À l’aube de la COP30, une question fondamentale se pose : comment les entreprises peuvent-elles cesser d’être des destructrices de la nature pour devenir des forces de régénération écologique ? KEDGE Business School apporte un éclairage inédit sur ce sujet à travers son étude prospective. « 2050 : comment dépasser le modèle de l’entreprise prédatrice de la Nature ». Sous la direction de Laurence Le Poder, Doyenne associée à la pédagogie et Directrice de l’Innovation Pédagogique. Des experts et étudiants de Master ont exploré les futurs possibles de l’entreprise face à l’urgence climatique et écologique. Imaginant un monde où les sociétés repensent leur rôle dans la société et dans la préservation des écosystèmes.
Une prospective inédite au cœur des écoles de commerce
La démarche entreprise par KEDGE Business School dépasse le cadre académique traditionnel. Plutôt que de se limiter à analyser les pratiques actuelles. L’équipe de chercheurs et d’étudiants s’est engagée dans une réflexion prospective. Utilisant le design fiction pour créer des scénarios plausibles à l’horizon 2050. Cette méthode consiste à concevoir des récits et objets issus du futur afin d’évaluer leur désirabilité. Et de susciter un débat citoyen autour des transformations nécessaires.
L’objectif est clair : imaginer des modèles d’entreprise capables de sortir de la logique prédatrice qui domine aujourd’hui. Basée sur l’exploitation intensive des ressources et la recherche effrénée de croissance économique. Dans ce projet, la pédagogie et l’innovation se combinent pour former une nouvelle génération de managers conscients des limites planétaires et prêts à inventer des solutions durables.

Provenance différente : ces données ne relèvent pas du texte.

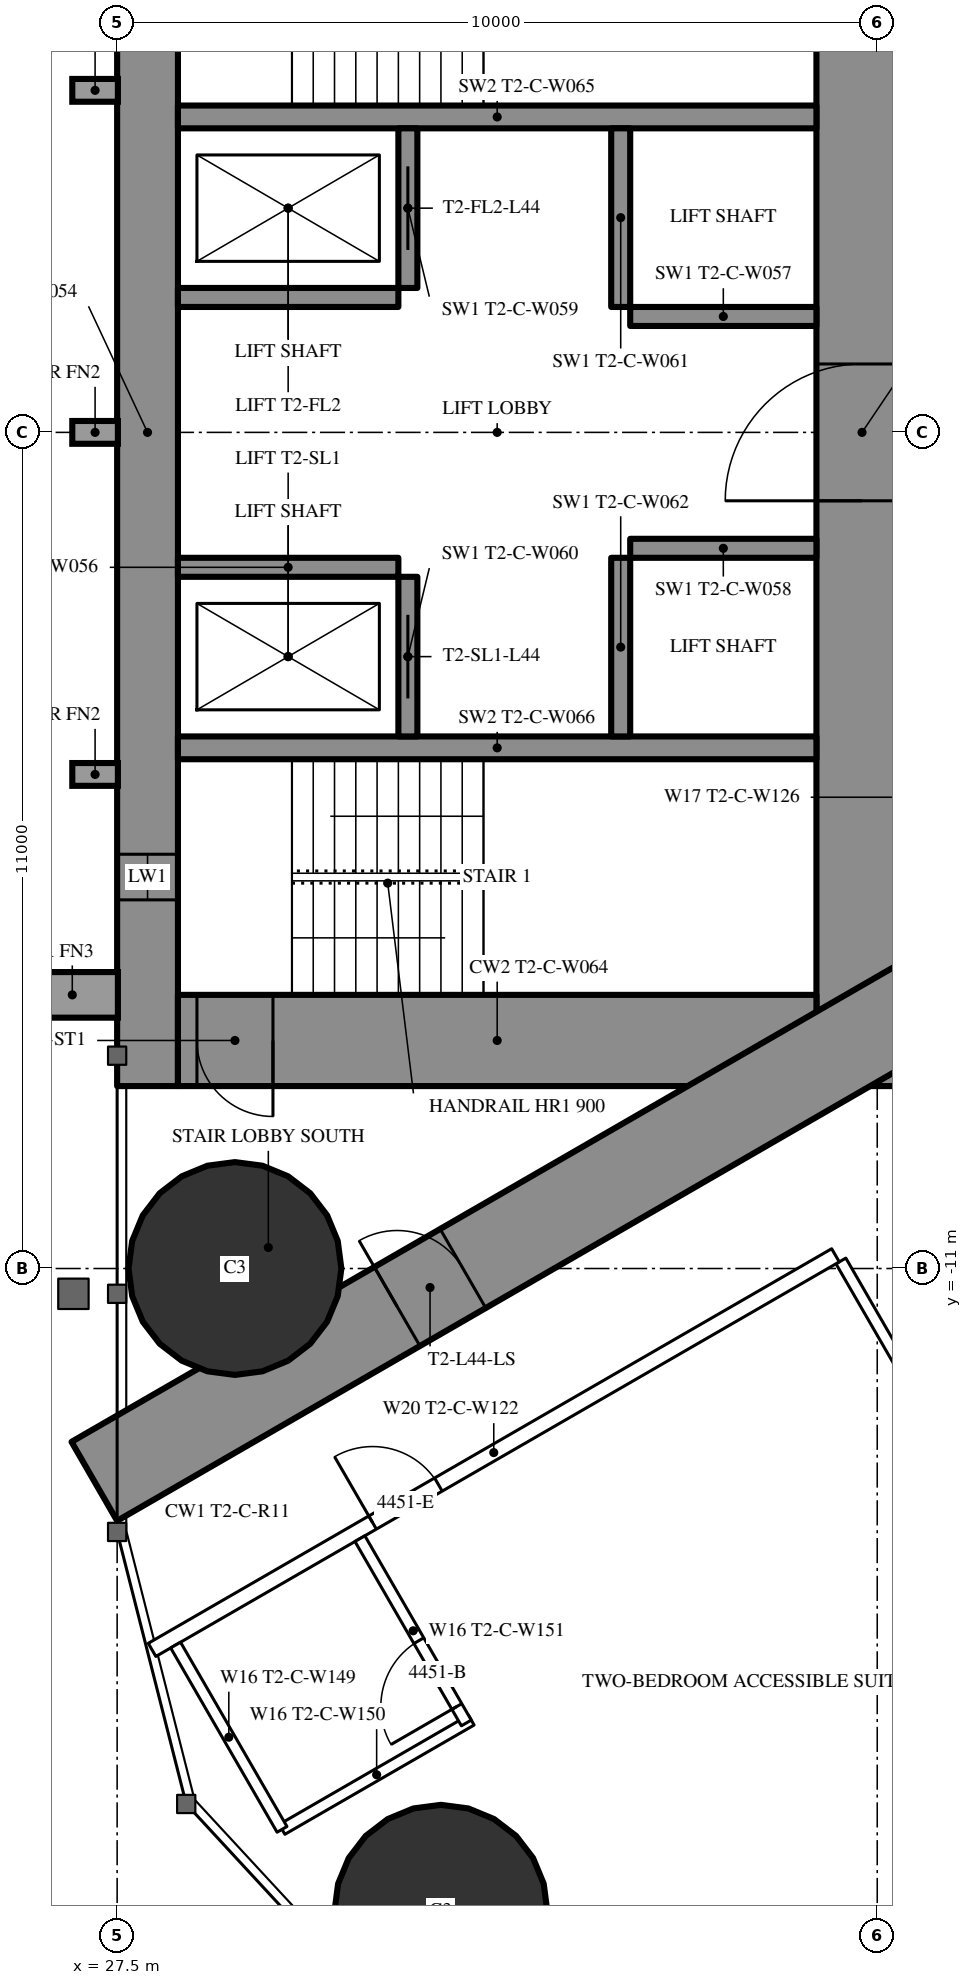
"""IFC4 building model, lengths in metres.
Left out: names, types, materials, properties, quantities, classifications, styles, units other than length and angle.
Written with IfcOpenShell. Run it as: python <this file> out.ifc"""

import sys

from ifc_helpers import new_model, si_unit, direction, frame, frame_2d, origin, origin_2d, place, context, subcontext, project, spatial, rectangle, circle, extrude, element, fill, save


model = new_model("IFC4")
c1 = context("Model", 3, precision=1e-05, world=origin(), true_north=direction((0.0, 1.0)))
c2 = subcontext(c1, "Body", "Model", "MODEL_VIEW")
j1 = project(units=[si_unit("LENGTHUNIT", "METRE"), si_unit("PLANEANGLEUNIT", "RADIAN")], contexts=[c1])
p1 = place(None, origin())
s1 = spatial("IfcSite", under=j1, at=p1, CompositionType="ELEMENT")
p2 = place(p1, origin())
s2 = spatial("IfcBuilding", under=s1, at=p2, CompositionType="ELEMENT")
p3 = place(p2, frame((0.0, 0.0, 166.8)))
s3 = spatial("IfcBuildingStorey", under=s2, at=p3, CompositionType="ELEMENT", Elevation=166.8)
for number, where, z_axis, x_axis in (
    (1, (31.76, -19.456, 0.0), (0.0, 0.0, 1.0), (1.0, 0.0, 0.0)),
    (2, (29.05, -11.0, 0.0), (0.0, 0.0, 1.0), (1.0, 0.0, 0.0)),
):
    element("IfcColumn", number, at=place(p3, frame(where, z_axis=z_axis, x_axis=x_axis)), inside=s3, PredefinedType="COLUMN", context=c2, shape_type="SweptSolid", body=[
        extrude(circle(Radius=1.4, at=origin_2d()), origin(), (0.0, 0.0, 1.0), 3.5),
    ])
p4 = place(p3, frame((27.9, -8.6, 0.0), z_axis=(0.0, 0.0, 1.0), x_axis=(0.0, 1.0, 0.0)))
e3 = element("IfcWall", 3, at=p4, inside=s3, PredefinedType="SHEAR", context=c2, shape_type="SweptSolid", body=[
    extrude(rectangle(XDim=17.2, YDim=0.8, at=frame_2d((8.6, 0.0))), origin(), (0.0, 0.0, 1.0), 3.5),
])
p5 = place(p4, frame((2.45, 0.0, 0.6)))
e4 = element("IfcOpeningElement", 4, at=p5, cuts=e3, PredefinedType="OPENING", context=c2, shape_type="SweptSolid", body=[
    extrude(rectangle(XDim=0.6, YDim=2.1, at=frame_2d((0.3, 1.05))), frame((0.0, 0.41, 0.0), z_axis=(0.0, -1.0, 0.0), x_axis=(1.0, 0.0, 0.0)), (0.0, 0.0, 1.0), 0.82),
])
p6 = place(p4, frame((14.15, 0.0, 0.6)))
e5 = element("IfcOpeningElement", 5, at=p6, cuts=e3, PredefinedType="OPENING", context=c2, shape_type="SweptSolid", body=[
    extrude(rectangle(XDim=0.6, YDim=2.1, at=frame_2d((0.3, 1.05))), frame((0.0, 0.41, 0.0), z_axis=(0.0, -1.0, 0.0), x_axis=(1.0, 0.0, 0.0)), (0.0, 0.0, 1.0), 0.82),
])
p7 = place(p3, frame((37.3, -8.6, 0.0), z_axis=(0.0, 0.0, 1.0), x_axis=(0.0, 1.0, 0.0)))
e6 = element("IfcWall", 6, at=p7, inside=s3, PredefinedType="SHEAR", context=c2, shape_type="SweptSolid", body=[
    extrude(rectangle(XDim=17.2, YDim=1.2, at=frame_2d((8.6, 0.0))), origin(), (0.0, 0.0, 1.0), 3.5),
])
p8 = place(p7, frame((7.7, 0.0, 0.0)))
e7 = element("IfcOpeningElement", 7, at=p8, cuts=e6, PredefinedType="OPENING", context=c2, shape_type="SweptSolid", body=[
    extrude(rectangle(XDim=1.8, YDim=2.2, at=frame_2d((0.9, 1.1))), frame((0.0, 0.61, 0.0), z_axis=(0.0, -1.0, 0.0), x_axis=(1.0, 0.0, 0.0)), (0.0, 0.0, 1.0), 1.22),
])
p9 = place(p3, frame((28.3, -8.0, 0.0), z_axis=(0.0, 0.0, 1.0), x_axis=(1.0, 0.0, 0.0)))
e8 = element("IfcWall", 8, at=p9, inside=s3, PredefinedType="SHEAR", context=c2, shape_type="SweptSolid", body=[
    extrude(rectangle(XDim=8.4, YDim=1.2, at=frame_2d((4.2, 0.0))), origin(), (0.0, 0.0, 1.0), 3.5),
])
p10 = place(p9, frame((0.25, 0.0, 0.0)))
e9 = element("IfcOpeningElement", 9, at=p10, cuts=e8, PredefinedType="OPENING", context=c2, shape_type="SweptSolid", body=[
    extrude(rectangle(XDim=1.0, YDim=2.2, at=frame_2d((0.5, 1.1))), frame((0.0, 0.61, 0.0), z_axis=(0.0, -1.0, 0.0), x_axis=(1.0, 0.0, 0.0)), (0.0, 0.0, 1.0), 1.22),
])
for number, where, z_axis, x_axis in (
    (10, (28.3, -4.15, 0.0), (0.0, 0.0, 1.0), (1.0, 0.0, 0.0)),
    (11, (28.3, 4.15, 0.0), (0.0, 0.0, 1.0), (1.0, 0.0, 0.0)),
):
    element("IfcWall", number, at=place(p3, frame(where, z_axis=z_axis, x_axis=x_axis)), inside=s3, PredefinedType="SHEAR", context=c2, shape_type="SweptSolid", body=[
        extrude(rectangle(XDim=8.4, YDim=0.3, at=frame_2d((4.2, 0.0))), origin(), (0.0, 0.0, 1.0), 3.5),
    ])
p11 = place(p3, frame((31.325, -4.0, 0.0), z_axis=(0.0, 0.0, 1.0), x_axis=(0.0, 1.0, 0.0)))
e12 = element("IfcWall", 12, at=p11, inside=s3, PredefinedType="SHEAR", context=c2, shape_type="SweptSolid", body=[
    extrude(rectangle(XDim=2.1, YDim=0.25, at=frame_2d((1.05, 0.0))), origin(), (0.0, 0.0, 1.0), 3.5),
])
p12 = place(p11, frame((0.5, 0.0, 0.0)))
e13 = element("IfcOpeningElement", 13, at=p12, cuts=e12, PredefinedType="OPENING", context=c2, shape_type="SweptSolid", body=[
    extrude(rectangle(XDim=1.1, YDim=2.2, at=frame_2d((0.55, 1.1))), frame((0.0, 0.135, 0.0), z_axis=(0.0, -1.0, 0.0), x_axis=(1.0, 0.0, 0.0)), (0.0, 0.0, 1.0), 0.27),
])
p13 = place(p3, frame((34.125, -4.0, 0.0), z_axis=(0.0, 0.0, 1.0), x_axis=(0.0, 1.0, 0.0)))
e14 = element("IfcWall", 14, at=p13, inside=s3, PredefinedType="SHEAR", context=c2, shape_type="SweptSolid", body=[
    extrude(rectangle(XDim=2.35, YDim=0.25, at=frame_2d((1.175, 0.0))), origin(), (0.0, 0.0, 1.0), 3.5),
])
p14 = place(p3, frame((28.3, -1.775, 0.0), z_axis=(0.0, 0.0, 1.0), x_axis=(1.0, 0.0, 0.0)))
e15 = element("IfcWall", 15, at=p14, inside=s3, PredefinedType="SHEAR", context=c2, shape_type="SweptSolid", body=[
    extrude(rectangle(XDim=2.9, YDim=0.25, at=frame_2d((1.45, 0.0))), origin(), (0.0, 0.0, 1.0), 3.5),
])
p15 = place(p3, frame((34.25, -1.525, 0.0), z_axis=(0.0, 0.0, 1.0), x_axis=(1.0, 0.0, 0.0)))
e16 = element("IfcWall", 16, at=p15, inside=s3, PredefinedType="SHEAR", context=c2, shape_type="SweptSolid", body=[
    extrude(rectangle(XDim=2.45, YDim=0.25, at=frame_2d((1.225, 0.0))), origin(), (0.0, 0.0, 1.0), 3.5),
])
p16 = place(p3, frame((31.325, 1.9, 0.0), z_axis=(0.0, 0.0, 1.0), x_axis=(0.0, 1.0, 0.0)))
e17 = element("IfcWall", 17, at=p16, inside=s3, PredefinedType="SHEAR", context=c2, shape_type="SweptSolid", body=[
    extrude(rectangle(XDim=2.1, YDim=0.25, at=frame_2d((1.05, 0.0))), origin(), (0.0, 0.0, 1.0), 3.5),
])
p17 = place(p16, frame((0.5, 0.0, 0.0)))
e18 = element("IfcOpeningElement", 18, at=p17, cuts=e17, PredefinedType="OPENING", context=c2, shape_type="SweptSolid", body=[
    extrude(rectangle(XDim=1.1, YDim=2.2, at=frame_2d((0.55, 1.1))), frame((0.0, 0.135, 0.0), z_axis=(0.0, -1.0, 0.0), x_axis=(1.0, 0.0, 0.0)), (0.0, 0.0, 1.0), 0.27),
])
p18 = place(p3, frame((34.125, 1.65, 0.0), z_axis=(0.0, 0.0, 1.0), x_axis=(0.0, 1.0, 0.0)))
e19 = element("IfcWall", 19, at=p18, inside=s3, PredefinedType="SHEAR", context=c2, shape_type="SweptSolid", body=[
    extrude(rectangle(XDim=2.35, YDim=0.25, at=frame_2d((1.175, 0.0))), origin(), (0.0, 0.0, 1.0), 3.5),
])
p19 = place(p3, frame((28.3, 1.775, 0.0), z_axis=(0.0, 0.0, 1.0), x_axis=(1.0, 0.0, 0.0)))
e20 = element("IfcWall", 20, at=p19, inside=s3, PredefinedType="SHEAR", context=c2, shape_type="SweptSolid", body=[
    extrude(rectangle(XDim=2.9, YDim=0.25, at=frame_2d((1.45, 0.0))), origin(), (0.0, 0.0, 1.0), 3.5),
])
p20 = place(p3, frame((34.25, 1.525, 0.0), z_axis=(0.0, 0.0, 1.0), x_axis=(1.0, 0.0, 0.0)))
e21 = element("IfcWall", 21, at=p20, inside=s3, PredefinedType="SHEAR", context=c2, shape_type="SweptSolid", body=[
    extrude(rectangle(XDim=2.45, YDim=0.25, at=frame_2d((1.225, 0.0))), origin(), (0.0, 0.0, 1.0), 3.5),
])
p21 = place(p3, frame((27.2, -13.8, 0.0), z_axis=(0.0, 0.0, 1.0), x_axis=(0.866027159892, 0.499996958321, 0.0)))
e22 = element("IfcWall", 22, at=p21, inside=s3, PredefinedType="SHEAR", context=c2, shape_type="SweptSolid", body=[
    extrude(rectangle(XDim=27.947, YDim=1.2, at=frame_2d((13.973, 0.0))), origin(), (0.0, 0.0, 1.0), 3.5),
])
p22 = place(p21, frame((4.6, 0.0, 0.0)))
e23 = element("IfcOpeningElement", 23, at=p22, cuts=e22, PredefinedType="OPENING", context=c2, shape_type="SweptSolid", body=[
    extrude(rectangle(XDim=1.0, YDim=2.2, at=frame_2d((0.5, 1.1))), frame((0.0, 0.61, 0.0), z_axis=(0.0, -1.0, 0.0), x_axis=(1.0, 0.0, 0.0)), (0.0, 0.0, 1.0), 1.22),
])
p23 = place(p21, frame((13.395, 0.0, 0.0)))
e24 = element("IfcOpeningElement", 24, at=p23, cuts=e22, PredefinedType="OPENING", context=c2, shape_type="SweptSolid", body=[
    extrude(rectangle(XDim=1.8, YDim=2.2, at=frame_2d((0.9, 1.1))), frame((0.0, 0.61, 0.0), z_axis=(0.0, -1.0, 0.0), x_axis=(1.0, 0.0, 0.0)), (0.0, 0.0, 1.0), 1.22),
])
p24 = place(p3, frame((27.2, 13.8, 0.0), z_axis=(0.0, 0.0, 1.0), x_axis=(0.866024515034, -0.500001539357, 0.0)))
e25 = element("IfcWall", 25, at=p24, inside=s3, PredefinedType="SHEAR", context=c2, shape_type="SweptSolid", body=[
    extrude(rectangle(XDim=26.907, YDim=1.2, at=frame_2d((13.454, 0.0))), origin(), (0.0, 0.0, 1.0), 3.5),
])
p25 = place(p24, frame((4.6, 0.0, 0.0)))
e26 = element("IfcOpeningElement", 26, at=p25, cuts=e25, PredefinedType="OPENING", context=c2, shape_type="SweptSolid", body=[
    extrude(rectangle(XDim=1.0, YDim=2.2, at=frame_2d((0.5, 1.1))), frame((0.0, 0.61, 0.0), z_axis=(0.0, -1.0, 0.0), x_axis=(1.0, 0.0, 0.0)), (0.0, 0.0, 1.0), 1.22),
])
p26 = place(p24, frame((13.395, 0.0, 0.0)))
e27 = element("IfcOpeningElement", 27, at=p26, cuts=e25, PredefinedType="OPENING", context=c2, shape_type="SweptSolid", body=[
    extrude(rectangle(XDim=1.8, YDim=2.2, at=frame_2d((0.9, 1.1))), frame((0.0, 0.61, 0.0), z_axis=(0.0, -1.0, 0.0), x_axis=(1.0, 0.0, 0.0)), (0.0, 0.0, 1.0), 1.22),
])
p27 = place(p3, frame((37.022, -10.9, 0.0), z_axis=(0.0, 0.0, 1.0), x_axis=(0.499998620953, -0.866026199976, 0.0)))
e28 = element("IfcWall", 28, at=p27, inside=s3, PredefinedType="PARTITIONING", context=c2, shape_type="SweptSolid", body=[
    extrude(rectangle(XDim=9.77, YDim=0.15, at=frame_2d((4.885, 0.0))), origin(), (0.0, 0.0, 1.0), 3.25),
])
p28 = place(p3, frame((27.959, -16.017, 0.0), z_axis=(0.0, 0.0, 1.0), x_axis=(0.866026201739, 0.499998617899, 0.0)))
e29 = element("IfcWall", 29, at=p28, inside=s3, PredefinedType="PARTITIONING", context=c2, shape_type="SweptSolid", body=[
    extrude(rectangle(XDim=10.382, YDim=0.2, at=frame_2d((5.191, 0.0))), origin(), (0.0, 0.0, 1.0), 3.25),
])
p29 = place(p28, frame((3.35, 0.0, 0.0)))
e30 = element("IfcOpeningElement", 30, at=p29, cuts=e29, PredefinedType="OPENING", context=c2, shape_type="SweptSolid", body=[
    extrude(rectangle(XDim=1.0, YDim=2.2, at=frame_2d((0.5, 1.1))), frame((0.0, 0.11, 0.0), z_axis=(0.0, -1.0, 0.0), x_axis=(1.0, 0.0, 0.0)), (0.0, 0.0, 1.0), 0.22),
])
p30 = place(p3, frame((29.669, -18.379, 0.0), z_axis=(0.0, 0.0, 1.0), x_axis=(0.866039941686, 0.499974818771, 0.0)))
e31 = element("IfcWall", 31, at=p30, inside=s3, PredefinedType="PARTITIONING", context=c2, shape_type="SweptSolid", body=[
    extrude(rectangle(XDim=2.875, YDim=0.15, at=frame_2d((1.438, 0.0))), origin(), (0.0, 0.0, 1.0), 3.25),
])
p31 = place(p3, frame((30.694, -14.554, 0.0), z_axis=(0.0, 0.0, 1.0), x_axis=(0.500049511043, -0.865996816683, 0.0)))
e32 = element("IfcWall", 32, at=p31, inside=s3, PredefinedType="PARTITIONING", context=c2, shape_type="SweptSolid", body=[
    extrude(rectangle(XDim=2.8, YDim=0.15, at=frame_2d((1.4, 0.0))), origin(), (0.0, 0.0, 1.0), 2.3),
])
p32 = place(p31, frame((1.55, 0.0, 0.0)))
e33 = element("IfcOpeningElement", 33, at=p32, cuts=e32, PredefinedType="OPENING", context=c2, shape_type="SweptSolid", body=[
    extrude(rectangle(XDim=1.0, YDim=2.2, at=frame_2d((0.5, 1.1))), frame((0.0, 0.085, 0.0), z_axis=(0.0, -1.0, 0.0), x_axis=(1.0, 0.0, 0.0)), (0.0, 0.0, 1.0), 0.17),
])
p33 = place(p3, frame((28.269, -15.954, 0.0), z_axis=(0.0, 0.0, 1.0), x_axis=(0.49998411664, -0.866034573852, 0.0)))
e34 = element("IfcWall", 34, at=p33, inside=s3, PredefinedType="PARTITIONING", context=c2, shape_type="SweptSolid", body=[
    extrude(rectangle(XDim=2.8, YDim=0.15, at=frame_2d((1.4, 0.0))), origin(), (0.0, 0.0, 1.0), 3.25),
])
p34 = place(p32, origin())
e35 = element("IfcDoor", 35, at=p34, inside=s3, OperationType="SINGLE_SWING_RIGHT", PredefinedType="DOOR", context=c2, shape_type="SweptSolid", body=[
    extrude(rectangle(XDim=1.0, YDim=2.2, at=frame_2d((0.5, 1.1))), frame((0.0, 0.025, 0.0), z_axis=(0.0, -1.0, 0.0), x_axis=(1.0, 0.0, 0.0)), (0.0, 0.0, 1.0), 0.05),
])
fill(e33, e35)
p35 = place(p29, origin())
e36 = element("IfcDoor", 36, at=p35, inside=s3, OperationType="SINGLE_SWING_LEFT", PredefinedType="DOOR", context=c2, shape_type="SweptSolid", body=[
    extrude(rectangle(XDim=1.0, YDim=2.2, at=frame_2d((0.5, 1.1))), frame((0.0, 0.025, 0.0), z_axis=(0.0, -1.0, 0.0), x_axis=(1.0, 0.0, 0.0)), (0.0, 0.0, 1.0), 0.05),
])
fill(e30, e36)
p36 = place(p22, origin())
e37 = element("IfcDoor", 37, at=p36, inside=s3, OperationType="SINGLE_SWING_LEFT", PredefinedType="DOOR", context=c2, shape_type="SweptSolid", body=[
    extrude(rectangle(XDim=1.0, YDim=2.2, at=frame_2d((0.5, 1.1))), frame((0.0, 0.025, 0.0), z_axis=(0.0, -1.0, 0.0), x_axis=(1.0, 0.0, 0.0)), (0.0, 0.0, 1.0), 0.05),
])
fill(e23, e37)
p37 = place(p8, origin())
e38 = element("IfcDoor", 38, at=p37, inside=s3, OperationType="DOUBLE_DOOR_SINGLE_SWING", PredefinedType="DOOR", context=c2, shape_type="SweptSolid", body=[
    extrude(rectangle(XDim=1.8, YDim=2.2, at=frame_2d((0.9, 1.1))), frame((0.0, 0.025, 0.0), z_axis=(0.0, -1.0, 0.0), x_axis=(1.0, 0.0, 0.0)), (0.0, 0.0, 1.0), 0.05),
])
fill(e7, e38)
p38 = place(p10, origin())
e39 = element("IfcDoor", 39, at=p38, inside=s3, OperationType="SINGLE_SWING_RIGHT", PredefinedType="DOOR", context=c2, shape_type="SweptSolid", body=[
    extrude(rectangle(XDim=1.0, YDim=2.2, at=frame_2d((0.5, 1.1))), frame((0.0, 0.025, 0.0), z_axis=(0.0, -1.0, 0.0), x_axis=(1.0, 0.0, 0.0)), (0.0, 0.0, 1.0), 0.05),
])
fill(e9, e39)
p39 = place(p12, origin())
e40 = element("IfcDoor", 40, at=p39, inside=s3, OperationType="SLIDING_TO_LEFT", PredefinedType="USERDEFINED", context=c2, shape_type="SweptSolid", body=[
    extrude(rectangle(XDim=1.1, YDim=2.2, at=frame_2d((0.55, 1.1))), frame((0.0, 0.025, 0.0), z_axis=(0.0, -1.0, 0.0), x_axis=(1.0, 0.0, 0.0)), (0.0, 0.0, 1.0), 0.05),
])
fill(e13, e40)
p40 = place(p17, origin())
e41 = element("IfcDoor", 41, at=p40, inside=s3, OperationType="SLIDING_TO_LEFT", PredefinedType="USERDEFINED", context=c2, shape_type="SweptSolid", body=[
    extrude(rectangle(XDim=1.1, YDim=2.2, at=frame_2d((0.55, 1.1))), frame((0.0, 0.025, 0.0), z_axis=(0.0, -1.0, 0.0), x_axis=(1.0, 0.0, 0.0)), (0.0, 0.0, 1.0), 0.05),
])
fill(e18, e41)
p41 = place(p5, origin())
e42 = element("IfcWindow", 42, at=p41, inside=s3, PartitioningType="SINGLE_PANEL", PredefinedType="WINDOW", context=c2, shape_type="SweptSolid", body=[
    extrude(rectangle(XDim=0.6, YDim=2.1, at=frame_2d((0.3, 1.05))), frame((0.0, 0.03, 0.0), z_axis=(0.0, -1.0, 0.0), x_axis=(1.0, 0.0, 0.0)), (0.0, 0.0, 1.0), 0.06),
])
fill(e4, e42)
save(model, sys.argv[1])

Les limites planétaires : un constat alarmant
L’étude s’appuie sur une réalité incontestable : les activités humaines ont dépassé les seuils écologiques que la planète peut soutenir. La biodiversité recule à un rythme inquiétant, les océans s’acidifient, les forêts disparaissent et les dérèglements climatiques s’intensifient. À ces problématiques s’ajoutent les tensions sociales et économiques qui résultent de l’inégalité dans l’accès aux ressources et des pressions sur les pays en développement.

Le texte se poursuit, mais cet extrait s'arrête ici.